The Place: La Cocina Economica The Food: Traditional Sonoran The Backstory: Family-owned for the past seven years. The Price: Just under $8 for a full lunch.

See also: La Cocina Economica: Lunch $10 and Under

Victor Becerra stands behind the counter of La Cocina Economica, ready and waiting for hungry customers to walk in. With a polite smile, the 18-year-old son of La Cocina's owners waits on customers -- doing everything from taking orders to busing tables and carrying out food.

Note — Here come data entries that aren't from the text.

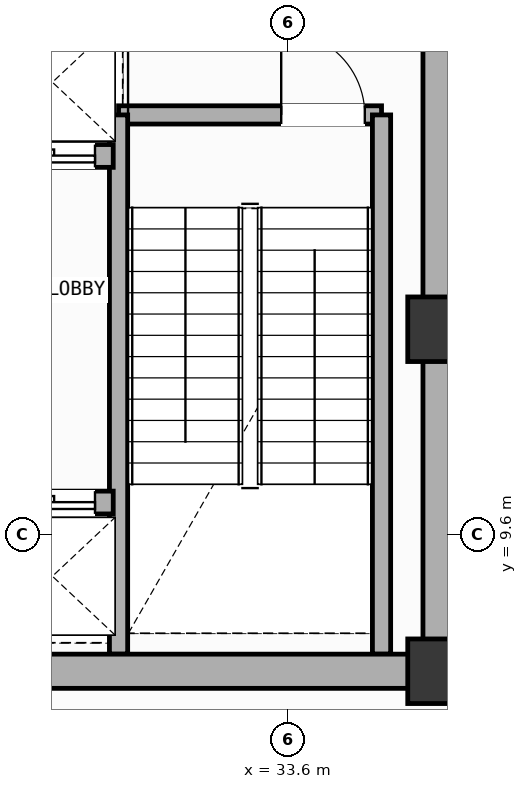
"""IFC4 building model, lengths in metres.
Left out: names, types, materials, properties, quantities, classifications, styles, units other than length and angle.
Written with IfcOpenShell. Run it as: python <this file> out.ifc"""

import sys

from ifc_helpers import new_model, si_unit, direction, frame, frame_2d, origin, origin_2d, place, context, subcontext, project, spatial, rectangle, extrude, element, fill, save


model = new_model("IFC4")
c1 = context("Model", 3, precision=1e-05, world=origin(), true_north=direction((0.0, 1.0)))
c2 = subcontext(c1, "Body", "Model", "MODEL_VIEW")
j1 = project(units=[si_unit("LENGTHUNIT", "METRE"), si_unit("PLANEANGLEUNIT", "RADIAN")], contexts=[c1])
p1 = place(None, origin())
s1 = spatial("IfcSite", under=j1, at=p1, CompositionType="ELEMENT")
p2 = place(p1, origin())
s2 = spatial("IfcBuilding", under=s1, at=p2, CompositionType="ELEMENT")
p3 = place(p2, frame((0.0, 0.0, 328.6)))
s3 = spatial("IfcBuildingStorey", under=s2, at=p3, CompositionType="ELEMENT", Elevation=328.6)
for number, where, z_axis, x_axis in (
    (1, (35.6, 7.8, 0.0), (0.0, 0.0, 1.0), (1.0, 0.0, 0.0)),
    (2, (35.6, 12.3, 0.0), (0.0, 0.0, 1.0), (1.0, 0.0, 0.0)),
):
    element("IfcColumn", number, at=place(p3, frame(where, z_axis=z_axis, x_axis=x_axis)), inside=s3, PredefinedType="COLUMN", context=c2, shape_type="SweptSolid", body=[
        extrude(rectangle(XDim=0.85, YDim=0.85, at=origin_2d()), origin(), (0.0, 0.0, 1.0), 4.8),
    ])
p4 = place(p3, frame((31.37, 15.12, 0.0), z_axis=(0.0, 0.0, 1.0), x_axis=(1.0, 0.0, 0.0)))
e3 = element("IfcWall", 3, at=p4, inside=s3, PredefinedType="SOLIDWALL", context=c2, shape_type="SweptSolid", body=[
    extrude(rectangle(XDim=3.46, YDim=0.24, at=frame_2d((1.73, 0.0))), origin(), (0.0, 0.0, 1.0), 4.58),
])
p5 = place(p4, frame((2.14, 0.0, 0.0)))
e4 = element("IfcOpeningElement", 4, at=p5, cuts=e3, PredefinedType="OPENING", context=c2, shape_type="SweptSolid", body=[
    extrude(rectangle(XDim=1.1, YDim=2.15, at=frame_2d((0.55, 1.075))), frame((0.0, 0.13, 0.0), z_axis=(0.0, -1.0, 0.0), x_axis=(1.0, 0.0, 0.0)), (0.0, 0.0, 1.0), 0.26),
])
for number, where, z_axis, x_axis in (
    (5, (34.83, 15.12, 0.0), (0.0, 0.0, 1.0), (0.0, -1.0, 0.0)),
    (6, (31.37, 8.025, 0.0), (0.0, 0.0, 1.0), (0.0, 1.0, 0.0)),
):
    element("IfcWall", number, at=place(p3, frame(where, z_axis=z_axis, x_axis=x_axis)), inside=s3, PredefinedType="SOLIDWALL", context=c2, shape_type="SweptSolid", body=[
        extrude(rectangle(XDim=7.095, YDim=0.24, at=frame_2d((3.548, 0.0))), origin(), (0.0, 0.0, 1.0), 4.58),
    ])
p6 = place(p3, frame((24.8, 7.8, 0.0), z_axis=(0.0, 0.0, 1.0), x_axis=(1.0, 0.0, 0.0)))
e7 = element("IfcWall", 7, at=p6, inside=s3, PredefinedType="SHEAR", context=c2, shape_type="SweptSolid", body=[
    extrude(rectangle(XDim=10.8, YDim=0.45, at=frame_2d((5.4, 0.0))), origin(), (0.0, 0.0, 1.0), 4.58),
])
p7 = place(p3, frame((35.6, 7.8, 0.0), z_axis=(0.0, 0.0, 1.0), x_axis=(0.0, 1.0, 0.0)))
e8 = element("IfcWall", 8, at=p7, inside=s3, PredefinedType="SHEAR", context=c2, shape_type="SweptSolid", body=[
    extrude(rectangle(XDim=9.0, YDim=0.45, at=frame_2d((4.5, 0.0))), origin(), (0.0, 0.0, 1.0), 4.58),
])
p8 = place(p3, frame((29.6, 10.02, 0.0), z_axis=(0.0, 0.0, 1.0), x_axis=(1.0, 0.0, 0.0)))
e9 = element("IfcWall", 9, at=p8, inside=s3, PredefinedType="SOLIDWALL", context=c2, shape_type="SweptSolid", body=[
    extrude(rectangle(XDim=1.7, YDim=0.3, at=frame_2d((0.85, 0.0))), origin(), (0.0, 0.0, 1.0), 4.58),
])
p9 = place(p8, frame((0.34, 0.0, 0.0)))
e10 = element("IfcOpeningElement", 10, at=p9, cuts=e9, PredefinedType="OPENING", context=c2, shape_type="SweptSolid", body=[
    extrude(rectangle(XDim=1.12, YDim=2.15, at=frame_2d((0.56, 1.075))), frame((0.0, 0.16, 0.0), z_axis=(0.0, -1.0, 0.0), x_axis=(1.0, 0.0, 0.0)), (0.0, 0.0, 1.0), 0.32),
])
p10 = place(p3, frame((29.6, 14.58, 0.0), z_axis=(0.0, 0.0, 1.0), x_axis=(1.0, 0.0, 0.0)))
e11 = element("IfcWall", 11, at=p10, inside=s3, PredefinedType="SOLIDWALL", context=c2, shape_type="SweptSolid", body=[
    extrude(rectangle(XDim=1.7, YDim=0.3, at=frame_2d((0.85, 0.0))), origin(), (0.0, 0.0, 1.0), 4.58),
])
p11 = place(p10, frame((0.34, 0.0, 0.0)))
e12 = element("IfcOpeningElement", 12, at=p11, cuts=e11, PredefinedType="OPENING", context=c2, shape_type="SweptSolid", body=[
    extrude(rectangle(XDim=1.12, YDim=2.15, at=frame_2d((0.56, 1.075))), frame((0.0, 0.16, 0.0), z_axis=(0.0, -1.0, 0.0), x_axis=(1.0, 0.0, 0.0)), (0.0, 0.0, 1.0), 0.32),
])
p12 = place(p3, frame((35.396, -4.55, 0.0), z_axis=(0.0, 0.0, 1.0), x_axis=(0.398695317753, 0.917083444187, 0.0)))
e13 = element("IfcWall", 13, at=p12, inside=s3, PredefinedType="PARTITIONING", context=c2, shape_type="SweptSolid", body=[
    extrude(rectangle(XDim=13.336, YDim=0.15, at=frame_2d((6.668, 0.0))), origin(), (0.0, 0.0, 1.0), 3.565),
])
p13 = place(p12, frame((6.068, 0.0, 0.0)))
e14 = element("IfcOpeningElement", 14, at=p13, cuts=e13, PredefinedType="OPENING", context=c2, shape_type="SweptSolid", body=[
    extrude(rectangle(XDim=1.2, YDim=2.15, at=frame_2d((0.6, 1.075))), frame((0.0, 0.085, 0.0), z_axis=(0.0, -1.0, 0.0), x_axis=(1.0, 0.0, 0.0)), (0.0, 0.0, 1.0), 0.17),
])
p14 = place(p3, frame((26.214, 7.675, 0.0), z_axis=(0.0, 0.0, 1.0), x_axis=(0.91704872202, -0.398775176561, 0.0)))
e15 = element("IfcWall", 15, at=p14, inside=s3, PredefinedType="PARTITIONING", context=c2, shape_type="SweptSolid", body=[
    extrude(rectangle(XDim=9.825, YDim=0.15, at=frame_2d((4.913, 0.0))), origin(), (0.0, 0.0, 1.0), 4.58),
])
p15 = place(p14, frame((7.74, 0.0, 0.0)))
e16 = element("IfcOpeningElement", 16, at=p15, cuts=e15, PredefinedType="OPENING", context=c2, shape_type="SweptSolid", body=[
    extrude(rectangle(XDim=1.2, YDim=2.15, at=frame_2d((0.6, 1.075))), frame((0.0, 0.085, 0.0), z_axis=(0.0, -1.0, 0.0), x_axis=(1.0, 0.0, 0.0)), (0.0, 0.0, 1.0), 0.17),
])
p16 = place(p3, frame((32.323, -3.214, 0.0), z_axis=(0.0, 0.0, 1.0), x_axis=(-0.917060632086, 0.398747786298, 0.0)))
e17 = element("IfcWall", 17, at=p16, inside=s3, PredefinedType="PARTITIONING", context=c2, shape_type="SweptSolid", body=[
    extrude(rectangle(XDim=26.771, YDim=0.15, at=frame_2d((13.386, 0.0))), origin(), (0.0, 0.0, 1.0), 4.58),
])
p17 = place(p5, origin())
e18 = element("IfcDoor", 18, at=p17, inside=s3, OperationType="SINGLE_SWING_LEFT", PredefinedType="DOOR", context=c2, shape_type="SweptSolid", body=[
    extrude(rectangle(XDim=1.1, YDim=2.15, at=frame_2d((0.55, 1.075))), frame((0.0, 0.025, 0.0), z_axis=(0.0, -1.0, 0.0), x_axis=(1.0, 0.0, 0.0)), (0.0, 0.0, 1.0), 0.05),
])
fill(e4, e18)
p18 = place(p9, origin())
e19 = element("IfcDoor", 19, at=p18, inside=s3, OperationType="DOUBLE_DOOR_SLIDING", PredefinedType="DOOR", context=c2, shape_type="SweptSolid", body=[
    extrude(rectangle(XDim=1.12, YDim=2.15, at=frame_2d((0.56, 1.075))), frame((0.0, 0.025, 0.0), z_axis=(0.0, -1.0, 0.0), x_axis=(1.0, 0.0, 0.0)), (0.0, 0.0, 1.0), 0.05),
])
fill(e10, e19)
p19 = place(p11, origin())
e20 = element("IfcDoor", 20, at=p19, inside=s3, OperationType="DOUBLE_DOOR_SLIDING", PredefinedType="DOOR", context=c2, shape_type="SweptSolid", body=[
    extrude(rectangle(XDim=1.12, YDim=2.15, at=frame_2d((0.56, 1.075))), frame((0.0, 0.025, 0.0), z_axis=(0.0, -1.0, 0.0), x_axis=(1.0, 0.0, 0.0)), (0.0, 0.0, 1.0), 0.05),
])
fill(e12, e20)
save(model, sys.argv[1])

"It's my dad's restaurant," he says. So, naturally, he chips in and does his part for the family business.

His father, whom Victor is named after, opened the 16th Street Mexican restaurant seven years ago, and they've been going strong since. "My uncle owns a restaurant in San Diego -- so my dad starting learning about the business and, eventually, my mom convinced him he should open one up for himself."

Along came La Cocina Economica -- a 40-seat restaurant with so much on the menu, it's hard not to go every day. Even better than that, though, is that it's cheap. I'm not done yet. Ready? It's actually delicious. Loads of variety. Easy on your wallet. And delicious. Life couldn't be sweeter.

While it was impossible to try the whole menu (give us a month, though, and then get back to us), I did try to hard rolled tacos (flautas) and cheese enchiladas in salsa roja.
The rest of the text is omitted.